I wasn't aware of this article when I posted this thread, but apparantly Mallaby had exactly the same idea.

Geithner is correct that China manipulates its currency. What's more, this manipulation is arguably the most important cause of the financial crisis. Starting around the middle of this decade, China's cheap currency led it to run a massive trade surplus. The earnings from that surplus poured into the United States. The result was the mortgage bubble.

China's leaders protest that they are being unfairly scapegoated. Yet while there are rival accounts of the origins of the crisis, neither has the explanatory force of the blame-China narrative.

The first rival account is that the crisis reflected failings of U.S. financial regulation. Such failings exist, but most have been around for years. The mortgage bubble reached its craziest extremes in 2005-07, when China was flooding the world with cheap capital.

Moreover, regulatory failings exist not just at one regulator but many. The Securities and Exchange Commission failed to check risks at broker-dealers such as Bear Stearns. State insurance regulators failed to prevent the collapse of AIG. The Federal Reserve failed to see that banks were pouring capital into toxic securities that they then held off their balance sheets. European regulators were no better, even though they had adopted a supposedly more up-to-date set of capital standards. The lesson: Faced with a deluge of cheap money, no regulatory regime can be expected to prevent bubbles.

The second rival account of the crisis accepts that its origins lie less in regulatory failings than in economic pressures. But it blames the bubble on two mistakes at home rather than on the glut of capital from China. Americans should have controlled the urge to splurge, the thinking goes, and borrowed less Chinese money. And the Fed should have shut down the easy-money party by raising interest rates.

If Americans' insatiable appetite for loans explained the flood of Chinese capital into the United States, we would have seen the evidence in a rising price for those loans -- that is, higher interest rates in the bond market. But bond rates were strikingly low at mid-decade. This strongly suggests that it was the supply of lending that went up, not the demand for it. Chinese money flooded into the United States because of the push factor from China, not the pull factor from Americans.

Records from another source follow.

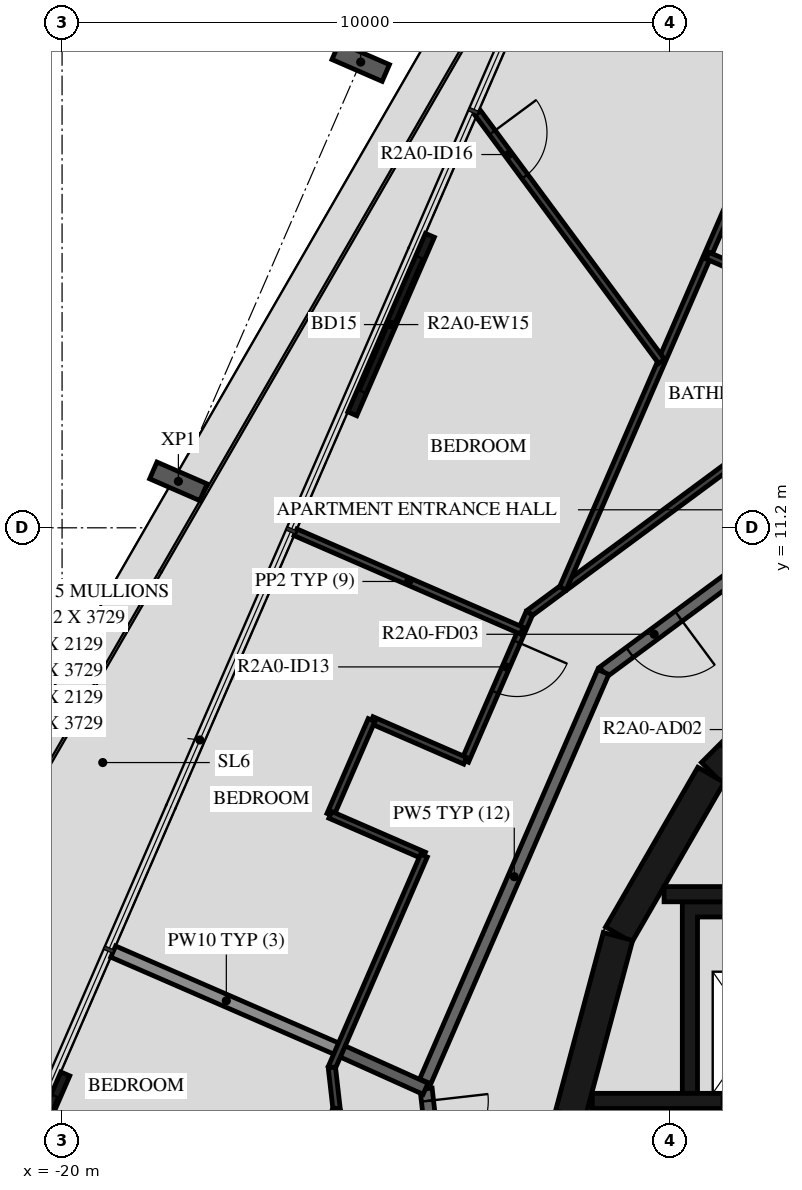
"""IFC4 building model, lengths in metres.
Left out: names, types, materials, properties, quantities, classifications, styles, units other than length and angle.
Written with IfcOpenShell. Run it as: python <this file> out.ifc"""

import sys

from ifc_helpers import new_model, si_unit, direction, frame, frame_2d, origin, origin_2d, place, context, subcontext, project, spatial, polyline, rectangle, i_section, outline, extrude, element, fill, save


model = new_model("IFC4")
c1 = context("Model", 3, precision=1e-05, world=origin(), true_north=direction((0.0, 1.0)))
c2 = subcontext(c1, "Body", "Model", "MODEL_VIEW")
j1 = project(units=[si_unit("LENGTHUNIT", "METRE"), si_unit("PLANEANGLEUNIT", "RADIAN")], contexts=[c1])
p1 = place(None, origin())
s1 = spatial("IfcSite", under=j1, at=p1, CompositionType="ELEMENT")
p2 = place(p1, origin())
s2 = spatial("IfcBuilding", under=s1, at=p2, CompositionType="ELEMENT")
p3 = place(p2, frame((0.0, 0.0, 76.7)))
s3 = spatial("IfcBuildingStorey", under=s2, at=p3, CompositionType="ELEMENT", Elevation=76.7)
for number, where, z_axis, x_axis in (
    (1, (-15.089, 18.859, -0.45), (0.0, 0.0, 1.0), (0.399, 0.917, 0.0)),
    (2, (-18.087, 11.964, -0.45), (0.0, 0.0, 1.0), (0.399, 0.917, 0.0)),
):
    element("IfcColumn", number, at=place(p3, frame(where, z_axis=z_axis, x_axis=x_axis)), inside=s3, PredefinedType="COLUMN", context=c2, shape_type="SweptSolid", body=[
        extrude(i_section(OverallWidth=0.3, OverallDepth=0.9, WebThickness=0.019, FlangeThickness=0.035, FilletRadius=0.03, at=origin_2d()), origin(), (0.0, 0.0, 1.0), 3.57),
    ])
p4 = place(p3, frame((-13.951, 16.01, 0.0), z_axis=(0.0, 0.0, 1.0), x_axis=(-0.398720531764, -0.917072482168, 0.0)))
e3 = element("IfcWall", 3, at=p4, inside=s3, PredefinedType="STANDARD", context=c2, shape_type="SweptSolid", body=[
    extrude(rectangle(XDim=3.2, YDim=0.16, at=frame_2d((1.6, 0.0))), origin(), (0.0, 0.0, 1.0), 3.12),
])
p5 = place(p4, frame((0.4, 0.0, 0.0)))
e4 = element("IfcOpeningElement", 4, at=p5, cuts=e3, PredefinedType="OPENING", context=c2, shape_type="SweptSolid", body=[
    extrude(rectangle(XDim=2.4, YDim=2.4, at=frame_2d((1.2, 1.2))), frame((0.0, 0.09, 0.0), z_axis=(0.0, -1.0, 0.0), x_axis=(1.0, 0.0, 0.0)), (0.0, 0.0, 1.0), 0.18),
])
p6 = place(p3, frame((-19.947, 2.219, 0.0), z_axis=(0.0, 0.0, 1.0), x_axis=(-0.398784695066, -0.917044582876, 0.0)))
e5 = element("IfcWall", 5, at=p6, inside=s3, PredefinedType="STANDARD", context=c2, shape_type="SweptSolid", body=[
    extrude(rectangle(XDim=3.2, YDim=0.16, at=frame_2d((1.6, 0.0))), origin(), (0.0, 0.0, 1.0), 3.12),
])
p7 = place(p6, frame((0.4, 0.0, 0.0)))
e6 = element("IfcOpeningElement", 6, at=p7, cuts=e5, PredefinedType="OPENING", context=c2, shape_type="SweptSolid", body=[
    extrude(rectangle(XDim=2.4, YDim=2.4, at=frame_2d((1.2, 1.2))), frame((0.0, 0.09, 0.0), z_axis=(0.0, -1.0, 0.0), x_axis=(1.0, 0.0, 0.0)), (0.0, 0.0, 1.0), 0.18),
])
p8 = place(p3, frame((-7.164, 9.308, 0.0), z_axis=(0.0, 0.0, 1.0), x_axis=(-0.707106781187, -0.707106781187, 0.0)))
e7 = element("IfcWall", 7, at=p8, inside=s3, PredefinedType="SHEAR", context=c2, shape_type="SweptSolid", body=[
    extrude(rectangle(XDim=3.032, YDim=0.5, at=frame_2d((1.516, 0.0))), origin(), (0.0, 0.0, 1.0), 3.12),
])
p9 = place(p8, frame((1.416, 0.0, 0.0)))
e8 = element("IfcOpeningElement", 8, at=p9, cuts=e7, PredefinedType="OPENING", context=c2, shape_type="SweptSolid", body=[
    extrude(rectangle(XDim=1.2, YDim=2.1, at=frame_2d((0.6, 1.05))), frame((0.0, 0.26, 0.0), z_axis=(0.0, -1.0, 0.0), x_axis=(1.0, 0.0, 0.0)), (0.0, 0.0, 1.0), 0.52),
])
for number, where, z_axis, x_axis in (
    (9, (-9.329, 7.137, 0.0), (0.0, 0.0, 1.0), (-0.5, -0.866, 0.0)),
    (10, (-10.858, 4.479, 0.0), (0.0, 0.0, 1.0), (-0.259, -0.966, 0.0)),
):
    element("IfcWall", number, at=place(p3, frame(where, z_axis=z_axis, x_axis=x_axis)), inside=s3, PredefinedType="SHEAR", context=c2, shape_type="SweptSolid", body=[
        extrude(rectangle(XDim=3.033, YDim=0.5, at=frame_2d((1.516, 0.0))), origin(), (0.0, 0.0, 1.0), 3.12),
    ])
p10 = place(p3, frame((-7.0, 5.175, 0.0), z_axis=(0.0, 0.0, 1.0), x_axis=(-1.0, 0.0, 0.0)))
e11 = element("IfcWall", 11, at=p10, inside=s3, PredefinedType="SHEAR", context=c2, shape_type="SweptSolid", body=[
    extrude(rectangle(XDim=3.1, YDim=0.25, at=frame_2d((1.55, 0.0))), origin(), (0.0, 0.0, 1.0), 3.12),
])
p11 = place(p3, origin())
e12 = element("IfcWall", 12, at=p11, inside=s3, PredefinedType="SHEAR", context=c2, shape_type="SweptSolid", body=[
    extrude(outline(polyline([(-9.55, 4.8), (-7.65, 4.8), (-7.65, 1.9), (-7.4, 1.9), (-7.4, 4.8), (-5.5, 4.8), (-5.5, 1.9), (-5.25, 1.9), (-5.25, 4.8), (-3.35, 4.8), (-3.35, 1.9), (-3.1, 1.9), (-3.1, 4.8), (-1.2, 4.8), (-1.2, 1.9), (-0.95, 1.9), (-0.95, 4.8), (3.1, 4.8), (3.1, 1.9), (3.35, 1.9), (3.35, 4.8), (5.25, 4.8), (5.25, 1.9), (5.5, 1.9), (5.5, 4.8), (7.4, 4.8), (7.4, 1.9), (7.65, 1.9), (7.65, 4.8), (9.55, 4.8), (9.55, 1.9), (9.8, 1.9), (9.8, 4.8), (9.8, 5.05), (-9.8, 5.05), (-9.8, 4.8), (-9.8, 1.9), (-9.55, 1.9), (-9.55, 4.8)])), origin(), (0.0, 0.0, 1.0), 3.12),
])
p12 = place(p3, frame((-11.28, 1.775, 0.0), z_axis=(0.0, 0.0, 1.0), x_axis=(1.0, 0.0, 0.0)))
e13 = element("IfcWall", 13, at=p12, inside=s3, PredefinedType="SHEAR", context=c2, shape_type="SweptSolid", body=[
    extrude(rectangle(XDim=14.38, YDim=0.25, at=frame_2d((7.19, 0.0))), origin(), (0.0, 0.0, 1.0), 3.12),
])
p13 = place(p12, frame((2.13, 0.0, 0.0)))
e14 = element("IfcOpeningElement", 14, at=p13, cuts=e13, PredefinedType="OPENING", context=c2, shape_type="SweptSolid", body=[
    extrude(rectangle(XDim=1.1, YDim=2.1, at=frame_2d((0.55, 1.05))), frame((0.0, 0.135, 0.0), z_axis=(0.0, -1.0, 0.0), x_axis=(1.0, 0.0, 0.0)), (0.0, 0.0, 1.0), 0.27),
])
p14 = place(p12, frame((4.28, 0.0, 0.0)))
e15 = element("IfcOpeningElement", 15, at=p14, cuts=e13, PredefinedType="OPENING", context=c2, shape_type="SweptSolid", body=[
    extrude(rectangle(XDim=1.1, YDim=2.1, at=frame_2d((0.55, 1.05))), frame((0.0, 0.135, 0.0), z_axis=(0.0, -1.0, 0.0), x_axis=(1.0, 0.0, 0.0)), (0.0, 0.0, 1.0), 0.27),
])
p15 = place(p12, frame((6.43, 0.0, 0.0)))
e16 = element("IfcOpeningElement", 16, at=p15, cuts=e13, PredefinedType="OPENING", context=c2, shape_type="SweptSolid", body=[
    extrude(rectangle(XDim=1.1, YDim=2.1, at=frame_2d((0.55, 1.05))), frame((0.0, 0.135, 0.0), z_axis=(0.0, -1.0, 0.0), x_axis=(1.0, 0.0, 0.0)), (0.0, 0.0, 1.0), 0.27),
])
p16 = place(p12, frame((8.58, 0.0, 0.0)))
e17 = element("IfcOpeningElement", 17, at=p16, cuts=e13, PredefinedType="OPENING", context=c2, shape_type="SweptSolid", body=[
    extrude(rectangle(XDim=1.1, YDim=2.1, at=frame_2d((0.55, 1.05))), frame((0.0, 0.135, 0.0), z_axis=(0.0, -1.0, 0.0), x_axis=(1.0, 0.0, 0.0)), (0.0, 0.0, 1.0), 0.27),
])
p17 = place(p12, frame((11.905, 0.0, 0.0)))
e18 = element("IfcOpeningElement", 18, at=p17, cuts=e13, PredefinedType="OPENING", context=c2, shape_type="SweptSolid", body=[
    extrude(rectangle(XDim=0.9, YDim=2.1, at=frame_2d((0.45, 1.05))), frame((0.0, 0.135, 0.0), z_axis=(0.0, -1.0, 0.0), x_axis=(1.0, 0.0, 0.0)), (0.0, 0.0, 1.0), 0.27),
])
p18 = place(p3, frame((-5.198, 13.196, 0.0), z_axis=(0.0, 0.0, 1.0), x_axis=(-0.803869883159, -0.594805187394, 0.0)))
e19 = element("IfcWall", 19, at=p18, inside=s3, PredefinedType="STANDARD", context=c2, shape_type="SweptSolid", body=[
    extrude(rectangle(XDim=7.342, YDim=0.2, at=frame_2d((3.671, 0.0))), origin(), (0.0, 0.0, 1.0), 3.12),
])
p19 = place(p18, frame((5.8, 0.0, 0.0)))
e20 = element("IfcOpeningElement", 20, at=p19, cuts=e19, PredefinedType="OPENING", context=c2, shape_type="SweptSolid", body=[
    extrude(rectangle(XDim=1.0, YDim=2.1, at=frame_2d((0.5, 1.05))), frame((0.0, 0.11, 0.0), z_axis=(0.0, -1.0, 0.0), x_axis=(1.0, 0.0, 0.0)), (0.0, 0.0, 1.0), 0.22),
])
p20 = place(p3, frame((-11.1, 8.829, 0.0), z_axis=(0.0, 0.0, 1.0), x_axis=(-0.398741918631, -0.917063183388, 0.0)))
e21 = element("IfcWall", 21, at=p20, inside=s3, PredefinedType="STANDARD", context=c2, shape_type="SweptSolid", body=[
    extrude(rectangle(XDim=7.342, YDim=0.2, at=frame_2d((3.671, 0.0))), origin(), (0.0, 0.0, 1.0), 3.12),
])
p21 = place(p3, frame((-14.013, 1.974, 0.0), z_axis=(0.0, 0.0, 1.0), x_axis=(0.113196526349, -0.993572617589, 0.0)))
e22 = element("IfcWall", 22, at=p21, inside=s3, PredefinedType="STANDARD", context=c2, shape_type="SweptSolid", body=[
    extrude(rectangle(XDim=7.219, YDim=0.2, at=frame_2d((3.609, 0.0))), origin(), (0.0, 0.0, 1.0), 3.12),
])
p22 = place(p21, frame((0.2, 0.0, 0.0)))
e23 = element("IfcOpeningElement", 23, at=p22, cuts=e22, PredefinedType="OPENING", context=c2, shape_type="SweptSolid", body=[
    extrude(rectangle(XDim=1.0, YDim=2.1, at=frame_2d((0.5, 1.05))), frame((0.0, 0.11, 0.0), z_axis=(0.0, -1.0, 0.0), x_axis=(1.0, 0.0, 0.0)), (0.0, 0.0, 1.0), 0.22),
])
p23 = place(p3, frame((-15.439, 2.613, 0.0), z_axis=(0.0, 0.0, 1.0), x_axis=(0.911830308819, -0.410567275752, 0.0)))
e24 = element("IfcWall", 24, at=p23, inside=s3, PredefinedType="STANDARD", context=c2, shape_type="SweptSolid", body=[
    extrude(rectangle(XDim=1.553, YDim=0.2, at=frame_2d((0.777, 0.0))), origin(), (0.0, 0.0, 1.0), 3.12),
])
p24 = place(p3, frame((-19.159, 4.231, 0.0), z_axis=(0.0, 0.0, 1.0), x_axis=(0.91704996524, -0.398772317562, 0.0)))
e25 = element("IfcWall", 25, at=p24, inside=s3, PredefinedType="STANDARD", context=c2, shape_type="SweptSolid", body=[
    extrude(rectangle(XDim=4.057, YDim=0.2, at=frame_2d((2.029, 0.0))), origin(), (0.0, 0.0, 1.0), 2.73),
])
p25 = place(p3, frame((-5.767, 14.641, 0.0), z_axis=(0.0, 0.0, 1.0), x_axis=(-0.803853364238, -0.594827511807, 0.0)))
e26 = element("IfcWall", 26, at=p25, inside=s3, PredefinedType="PARTITIONING", context=c2, shape_type="SweptSolid", body=[
    extrude(rectangle(XDim=8.146, YDim=0.12, at=frame_2d((4.073, 0.0))), origin(), (0.0, 0.0, 1.0), 3.12),
])
p26 = place(p25, frame((0.97, 0.0, 0.0)))
e27 = element("IfcOpeningElement", 27, at=p26, cuts=e26, PredefinedType="OPENING", context=c2, shape_type="SweptSolid", body=[
    extrude(rectangle(XDim=0.8, YDim=2.1, at=frame_2d((0.4, 1.05))), frame((0.0, 0.07, 0.0), z_axis=(0.0, -1.0, 0.0), x_axis=(1.0, 0.0, 0.0)), (0.0, 0.0, 1.0), 0.14),
])
p27 = place(p3, frame((-12.315, 9.796, 0.0), z_axis=(0.0, 0.0, 1.0), x_axis=(-0.398790200406, -0.917042188812, 0.0)))
e28 = element("IfcWall", 28, at=p27, inside=s3, PredefinedType="PARTITIONING", context=c2, shape_type="SweptSolid", body=[
    extrude(rectangle(XDim=2.646, YDim=0.12, at=frame_2d((1.323, 0.0))), origin(), (0.0, 0.0, 1.0), 3.12),
])
p28 = place(p27, frame((0.513, 0.0, 0.0)))
e29 = element("IfcOpeningElement", 29, at=p28, cuts=e28, PredefinedType="OPENING", context=c2, shape_type="SweptSolid", body=[
    extrude(rectangle(XDim=0.9, YDim=2.1, at=frame_2d((0.45, 1.05))), frame((0.0, 0.07, 0.0), z_axis=(0.0, -1.0, 0.0), x_axis=(1.0, 0.0, 0.0)), (0.0, 0.0, 1.0), 0.14),
])
p29 = place(p3, frame((-13.371, 7.369, 0.0), z_axis=(0.0, 0.0, 1.0), x_axis=(-0.917109358393, 0.398635704306, 0.0)))
e30 = element("IfcWall", 30, at=p29, inside=s3, PredefinedType="PARTITIONING", context=c2, shape_type="SweptSolid", body=[
    extrude(rectangle(XDim=1.679, YDim=0.12, at=frame_2d((0.839, 0.0))), origin(), (0.0, 0.0, 1.0), 3.12),
])
p30 = place(p3, frame((-14.91, 8.038, 0.0), z_axis=(0.0, 0.0, 1.0), x_axis=(-0.398715607479, -0.91707462311, 0.0)))
e31 = element("IfcWall", 31, at=p30, inside=s3, PredefinedType="PARTITIONING", context=c2, shape_type="SweptSolid", body=[
    extrude(rectangle(XDim=1.7, YDim=0.12, at=frame_2d((0.85, 0.0))), origin(), (0.0, 0.0, 1.0), 3.12),
])
p31 = place(p3, frame((-15.588, 6.479, 0.0), z_axis=(0.0, 0.0, 1.0), x_axis=(0.917033055073, -0.398811203332, 0.0)))
e32 = element("IfcWall", 32, at=p31, inside=s3, PredefinedType="PARTITIONING", context=c2, shape_type="SweptSolid", body=[
    extrude(rectangle(XDim=1.678, YDim=0.12, at=frame_2d((0.839, 0.0))), origin(), (0.0, 0.0, 1.0), 3.12),
])
p32 = place(p3, frame((-14.049, 5.81, 0.0), z_axis=(0.0, 0.0, 1.0), x_axis=(-0.398707311688, -0.917078229818, 0.0)))
e33 = element("IfcWall", 33, at=p32, inside=s3, PredefinedType="PARTITIONING", context=c2, shape_type="SweptSolid", body=[
    extrude(rectangle(XDim=3.799, YDim=0.12, at=frame_2d((1.899, 0.0))), origin(), (0.0, 0.0, 1.0), 3.12),
])
p33 = place(p3, frame((-5.952, 23.571, 0.0), z_axis=(0.0, 0.0, 1.0), x_axis=(-0.398745097158, -0.917061801348, 0.0)))
e34 = element("IfcWall", 34, at=p33, inside=s3, PredefinedType="PARTITIONING", context=c2, shape_type="SweptSolid", body=[
    extrude(rectangle(XDim=14.576, YDim=0.12, at=frame_2d((7.288, 0.0))), origin(), (0.0, 0.0, 1.0), 3.12),
])
p34 = place(p33, frame((2.801, 0.0, 0.0)))
e35 = element("IfcOpeningElement", 35, at=p34, cuts=e34, PredefinedType="OPENING", context=c2, shape_type="SweptSolid", body=[
    extrude(rectangle(XDim=0.9, YDim=2.1, at=frame_2d((0.45, 1.05))), frame((0.0, 0.07, 0.0), z_axis=(0.0, -1.0, 0.0), x_axis=(1.0, 0.0, 0.0)), (0.0, 0.0, 1.0), 0.14),
])
p35 = place(p33, frame((1.405, 0.0, 0.0)))
e36 = element("IfcOpeningElement", 36, at=p35, cuts=e34, PredefinedType="OPENING", context=c2, shape_type="SweptSolid", body=[
    extrude(rectangle(XDim=0.9, YDim=2.1, at=frame_2d((0.45, 1.05))), frame((0.0, 0.07, 0.0), z_axis=(0.0, -1.0, 0.0), x_axis=(1.0, 0.0, 0.0)), (0.0, 0.0, 1.0), 0.14),
])
p36 = place(p3, frame((-9.385, 15.676, 0.0), z_axis=(0.0, 0.0, 1.0), x_axis=(0.917068929701, -0.398728702475, 0.0)))
e37 = element("IfcWall", 37, at=p36, inside=s3, PredefinedType="PARTITIONING", context=c2, shape_type="SweptSolid", body=[
    extrude(rectangle(XDim=3.445, YDim=0.12, at=frame_2d((1.723, 0.0))), origin(), (0.0, 0.0, 1.0), 3.12),
])
p37 = place(p3, frame((-13.163, 18.022, 0.0), z_axis=(0.0, 0.0, 1.0), x_axis=(0.594797671626, -0.803875444226, 0.0)))
e38 = element("IfcWall", 38, at=p37, inside=s3, PredefinedType="PARTITIONING", context=c2, shape_type="SweptSolid", body=[
    extrude(rectangle(XDim=5.081, YDim=0.12, at=frame_2d((2.54, 0.0))), origin(), (0.0, 0.0, 1.0), 3.12),
])
p38 = place(p37, frame((0.4, 0.0, 0.0)))
e39 = element("IfcOpeningElement", 39, at=p38, cuts=e38, PredefinedType="OPENING", context=c2, shape_type="SweptSolid", body=[
    extrude(rectangle(XDim=0.9, YDim=2.1, at=frame_2d((0.45, 1.05))), frame((0.0, 0.07, 0.0), z_axis=(0.0, -1.0, 0.0), x_axis=(1.0, 0.0, 0.0)), (0.0, 0.0, 1.0), 0.14),
])
p39 = place(p3, frame((-16.161, 11.126, 0.0), z_axis=(0.0, 0.0, 1.0), x_axis=(0.91705953326, -0.398750313425, 0.0)))
e40 = element("IfcWall", 40, at=p39, inside=s3, PredefinedType="PARTITIONING", context=c2, shape_type="SweptSolid", body=[
    extrude(rectangle(XDim=4.057, YDim=0.12, at=frame_2d((2.029, 0.0))), origin(), (0.0, 0.0, 1.0), 2.73),
])
p40 = place(p3, frame((-15.563, 2.326, 0.0), z_axis=(0.0, 0.0, 1.0), x_axis=(0.113013677091, -0.993593432341, 0.0)))
e41 = element("IfcWall", 41, at=p40, inside=s3, PredefinedType="PARTITIONING", context=c2, shape_type="SweptSolid", body=[
    extrude(rectangle(XDim=0.685, YDim=0.12, at=frame_2d((0.342, 0.0))), origin(), (0.0, 0.0, 1.0), 3.12),
])
p41 = place(p3, frame((-15.486, 1.646, 0.0), z_axis=(0.0, 0.0, 1.0), x_axis=(-0.398701933952, -0.917080567814, 0.0)))
e42 = element("IfcWall", 42, at=p41, inside=s3, PredefinedType="PARTITIONING", context=c2, shape_type="SweptSolid", body=[
    extrude(rectangle(XDim=0.739, YDim=0.12, at=frame_2d((0.369, 0.0))), origin(), (0.0, 0.0, 1.0), 3.12),
])
p42 = place(p5, origin())
e43 = element("IfcDoor", 43, at=p42, inside=s3, OperationType="DOUBLE_DOOR_SLIDING", PredefinedType="DOOR", context=c2, shape_type="SweptSolid", body=[
    extrude(rectangle(XDim=2.4, YDim=2.4, at=frame_2d((1.2, 1.2))), frame((0.0, 0.025, 0.0), z_axis=(0.0, -1.0, 0.0), x_axis=(1.0, 0.0, 0.0)), (0.0, 0.0, 1.0), 0.05),
])
fill(e4, e43)
p43 = place(p7, origin())
e44 = element("IfcDoor", 44, at=p43, inside=s3, OperationType="DOUBLE_DOOR_SLIDING", PredefinedType="DOOR", context=c2, shape_type="SweptSolid", body=[
    extrude(rectangle(XDim=2.4, YDim=2.4, at=frame_2d((1.2, 1.2))), frame((0.0, 0.025, 0.0), z_axis=(0.0, -1.0, 0.0), x_axis=(1.0, 0.0, 0.0)), (0.0, 0.0, 1.0), 0.05),
])
fill(e6, e44)
p44 = place(p13, origin())
e45 = element("IfcDoor", 45, at=p44, inside=s3, OperationType="DOUBLE_DOOR_SLIDING", PredefinedType="DOOR", context=c2, shape_type="SweptSolid", body=[
    extrude(rectangle(XDim=1.1, YDim=2.1, at=frame_2d((0.55, 1.05))), frame((0.0, 0.025, 0.0), z_axis=(0.0, -1.0, 0.0), x_axis=(1.0, 0.0, 0.0)), (0.0, 0.0, 1.0), 0.05),
])
fill(e14, e45)
p45 = place(p19, origin())
e46 = element("IfcDoor", 46, at=p45, inside=s3, OperationType="SINGLE_SWING_LEFT", PredefinedType="DOOR", context=c2, shape_type="SweptSolid", body=[
    extrude(rectangle(XDim=1.0, YDim=2.1, at=frame_2d((0.5, 1.05))), frame((0.0, 0.025, 0.0), z_axis=(0.0, -1.0, 0.0), x_axis=(1.0, 0.0, 0.0)), (0.0, 0.0, 1.0), 0.05),
])
fill(e20, e46)
p46 = place(p28, origin())
e47 = element("IfcDoor", 47, at=p46, inside=s3, OperationType="SINGLE_SWING_LEFT", PredefinedType="DOOR", context=c2, shape_type="SweptSolid", body=[
    extrude(rectangle(XDim=0.9, YDim=2.1, at=frame_2d((0.45, 1.05))), frame((0.0, 0.025, 0.0), z_axis=(0.0, -1.0, 0.0), x_axis=(1.0, 0.0, 0.0)), (0.0, 0.0, 1.0), 0.05),
])
fill(e29, e47)
p47 = place(p38, origin())
e48 = element("IfcDoor", 48, at=p47, inside=s3, OperationType="SINGLE_SWING_RIGHT", PredefinedType="DOOR", context=c2, shape_type="SweptSolid", body=[
    extrude(rectangle(XDim=0.9, YDim=2.1, at=frame_2d((0.45, 1.05))), frame((0.0, 0.025, 0.0), z_axis=(0.0, -1.0, 0.0), x_axis=(1.0, 0.0, 0.0)), (0.0, 0.0, 1.0), 0.05),
])
fill(e39, e48)
p48 = place(p22, origin())
e49 = element("IfcDoor", 49, at=p48, inside=s3, OperationType="SINGLE_SWING_RIGHT", PredefinedType="DOOR", context=c2, shape_type="SweptSolid", body=[
    extrude(rectangle(XDim=1.0, YDim=2.1, at=frame_2d((0.5, 1.05))), frame((0.0, 0.025, 0.0), z_axis=(0.0, -1.0, 0.0), x_axis=(1.0, 0.0, 0.0)), (0.0, 0.0, 1.0), 0.05),
])
fill(e23, e49)
save(model, sys.argv[1])

Could the Fed have raised interest rates to avert the bubble? The Fed's monetary policy was indeed too loose. But as Martin Wolf argues in his recent book, "Fixing Global Finance," it's not clear that higher interest rates could have prevented the trouble. Once China decides to export vast quantities of capital, that capital has to go somewhere. Higher interest rates in the United States might have encouraged the world's savers to park even more of their capital in this country.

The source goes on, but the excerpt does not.